The tone of a literary text is often particularly one-dimensional. Unless other characters’ viewpoints are presented, the narrator and his or her point of view that is consistently revealed throughout the book, define the tone. The Talented Mr Ripley by Patricia Highsmith is no exception. Although the main protagonist, Tom Ripley, does not narrate, the narration is only ever filtered through Tom according to how he interprets events and how he perceives other characters. In film, there is the opportunity for plenty of other cinematic devices to come into play that can also define tone. I argue that the translation of tone is not restricted to a single omniscient narrator. Instead, several other cinematic devices are used to define the tone from The Talented Mr Ripley into the 1999 film adaptation.
There are limitations to the The Talented Mr Ripley’s ability to define tone. The text’s narration is always filtered through Tom Ripley. Consequently, events are only seen through one person’s perspective. Despite this, the narration avoids admitting Tom’s deviant and untoward demeanour. Instead, Tom’s deceptive inclinations are portrayed in an understated tone. Tom’s thoughts, for example, suggest his deception when Dickie Greenleaf’s father asks him a simple question. Tom notes that, ‘There was Buddy Lankenau, Tom thought, but he didn’t want to wish a chore like this on Buddy. “‘I’m afraid I don’t,’ Tom said, shaking his head.’” This incident may seem insignificant in relation to the murder that occurs in this text but it suggests Tom’s unnecessary reluctance to tell the truth. Similarly, when Tom meets Marge Sherwood and Dickie for the first time, the disapproval he feels is also portrayed in an understated tone as the narration states that, ‘Dickie was looking him over, not entirely with approval, Tom felt. Dickie’s arms were folded…’ (p. 41). Despite the suggestion of negative body language by recognising that ‘Dickie’s arms were folded,’ this view is based on Tom’s subjective interpretation of the manner in which Dickie stares at him. Yet the reader cannot make their own judgement since they cannot see how Dickie stares at Tom. Indeed, the tone in this text appears to be predominantly understated because of the limited way in which the tone is defined, and therefore, evoked.

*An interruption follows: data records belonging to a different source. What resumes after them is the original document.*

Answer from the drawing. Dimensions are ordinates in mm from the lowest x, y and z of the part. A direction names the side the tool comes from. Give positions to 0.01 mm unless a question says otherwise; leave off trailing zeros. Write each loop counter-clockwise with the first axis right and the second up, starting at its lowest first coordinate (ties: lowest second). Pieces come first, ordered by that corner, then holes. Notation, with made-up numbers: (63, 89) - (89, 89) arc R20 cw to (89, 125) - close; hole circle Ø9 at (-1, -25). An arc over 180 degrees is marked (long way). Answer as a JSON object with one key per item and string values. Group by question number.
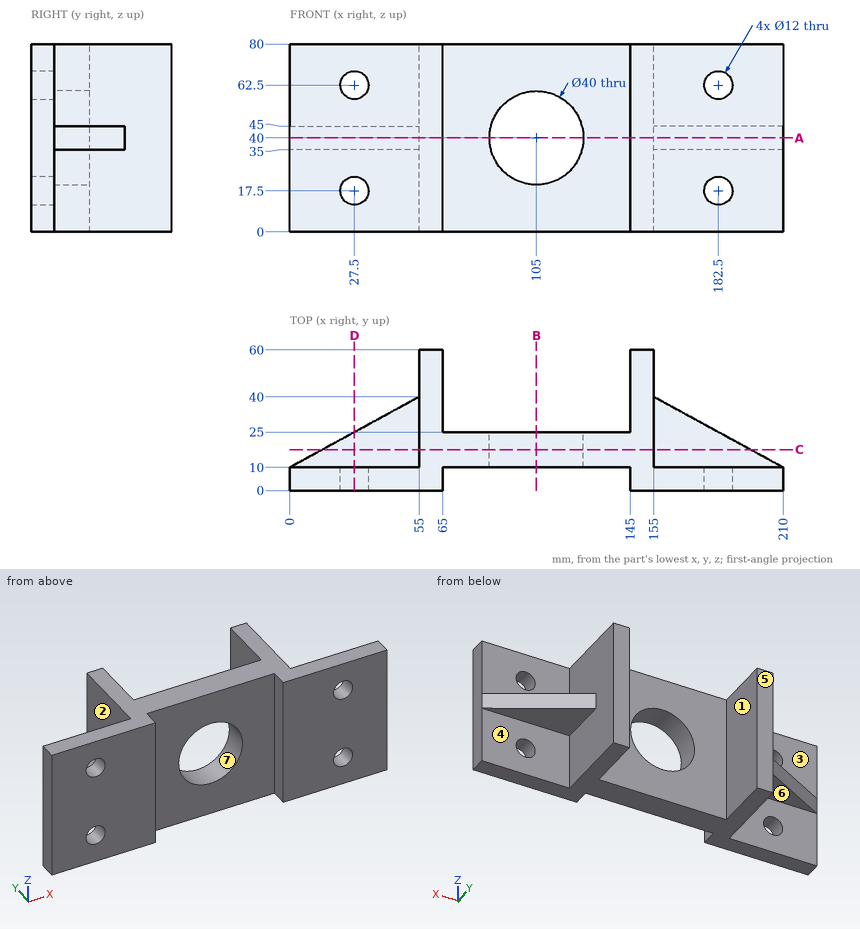
1) For a pull along Z with two mould halves and no side action, classify the marked faces 5, 6 and 7 as released by +Z, released by -Z, zero draft, split by the parting line, or undercut.
2) Find the intervals of material crossed by line 1 (X direction, y = 2.75, z = 62.5); line 2 (X direction, y = 4, z = 19); line 3 (X direction, y = 52, z = 4), in increasing order. Write a range as [from, to].
3) Find section B-B, the plane x = 105. Write down the section's boundary in (y, z), and give its area (3 significant figures).
4) Find section D-D, the plane x = 27.5. Write down the section's boundary in (y, z), and give its area (3 significant figures).
5) Which of the six approach directions +Z, -Z, +X, -X, +Y, -Y give full straight-line access (tool end or side, diameter ignored) to the marked faces 1, 2, 3 and 4?
6) Find section A-A, the plane z = 40. Write down the section's boundary in (x, y).
7) Find section C-C, the plane y = 17.5. Write down the section's boundary in (x, z).
8) Flat-ended cylindrical pins translate along their axes: pin 1 Ø3 at (x, y) = (136, 23) entering from -Z; pin 2 Ø1.5 at (y, z) = (41.5, 21) entering from +X; pin 3 Ø2 at (x, y) = (36, 12) entering from -Z; pin 4 Ø12 at (x, z) = (123.5, 28.5) entering from -Y. Find the tip coordinate at first contact, or state that the pin passes through.
Values follow:
{
 "1": {"face 5": "zero draft", "face 6": "released by -Z", "face 7": "undercut"},
 "2": {"line 1": "x = [0, 21.5], [33.5, 65], [145, 176.5], [188.5, 210]", "line 2": "x = [0, 21.69], [33.31, 65], [145, 176.69], [188.31, 210]", "line 3": "x = [55, 65], [145, 155]"},
 "3": {"outline": "(10, 0) - (25, 0) - (25, 20) - (10, 20) - close; (10, 60) - (25, 60) - (25, 80) - (10, 80) - close", "area": "600 mm2"},
 "4": {"outline": "(0, 0) - (10, 0) - (10, 11.5) - (0, 11.5) - close; (0, 23.5) - (10, 23.5) - (10, 35) - (25, 35) - (25, 45) - (10, 45) - (10, 56.5) - (0, 56.5) - close; (0, 68.5) - (10, 68.5) - (10, 80) - (0, 80) - close", "area": "710 mm2"},
 "5": {"face 1": "+Z, -Z, +Y", "face 2": "-X, +Y", "face 3": "+Z, -X, +Y", "face 4": "-Z, +X, +Y"},
 "6": {"outline": "(0, 0) - (65, 0) - (65, 10) - (85, 10) - (85, 25) - (65, 25) - (65, 60) - (55, 60) - (55, 40) - (0, 10) - close; (125, 10) - (145, 10) - (145, 0) - (210, 0) - (210, 10) - (155, 40) - (155, 60) - (145, 60) - (145, 25) - (125, 25) - close"},
 "7": {"outline": "(13.75, 35) - (55, 35) - (55, 0) - (155, 0) - (155, 35) - (196.25, 35) - (196.25, 45) - (155, 45) - (155, 80) - (55, 80) - (55, 45) - (13.75, 45) - close; hole circle Ø40 at (105, 40)"},
 "8": {"pin 1": "stops at z = 0", "pin 2": "stops at x = 155", "pin 3": "stops at z = 35", "pin 4": "stops at y = 10"}
}

In contrast, in the film adaptation of the The Talented Mr Ripley, the visual and musical cinematic capabilities add a further dimension to defining tone that enables the tone to be interpreted much more easily. The opening credits immediately evoke a deceitful tone surrounding Tom’s persona. When the title of the film initially appears on the screen, various adjectives momentarily flash up on the screen instead of ‘talented,’ which includes ‘haunted,’ and ‘troubled.’ This sequence is also accompanied by unnerving, eerie music. It is this combination of the visual and musical effects that powerfully suggest to the audience that there is something untoward about this character before he has even made an appearance. Although when the audience witnesses Tom’s meeting with Marge and Dickie for the first time, his thoughts are not directly voiced like they are in the text. The narration is also no longer filtered through Tom’s point of view. Instead, Tom is a character that should be observed just as much as Dickie and Marge; close-up camera shots on his facial expressions are used to suggest his thoughts. Yet the ambivalent tone in which Marge and Dickie react to Tom is portrayed much more effectively on the screen. Indeed, the audience are able to see Dickie adopt negative body language by closing his eyes and how both characters frequently avoid direct eye with Tom, which strongly suggests their disinterest in him. These musical and visual cinematic capabilities, which are missing from the text, enables the film to establish and evoke tone in a much more vivid, and therefore, convincing manner.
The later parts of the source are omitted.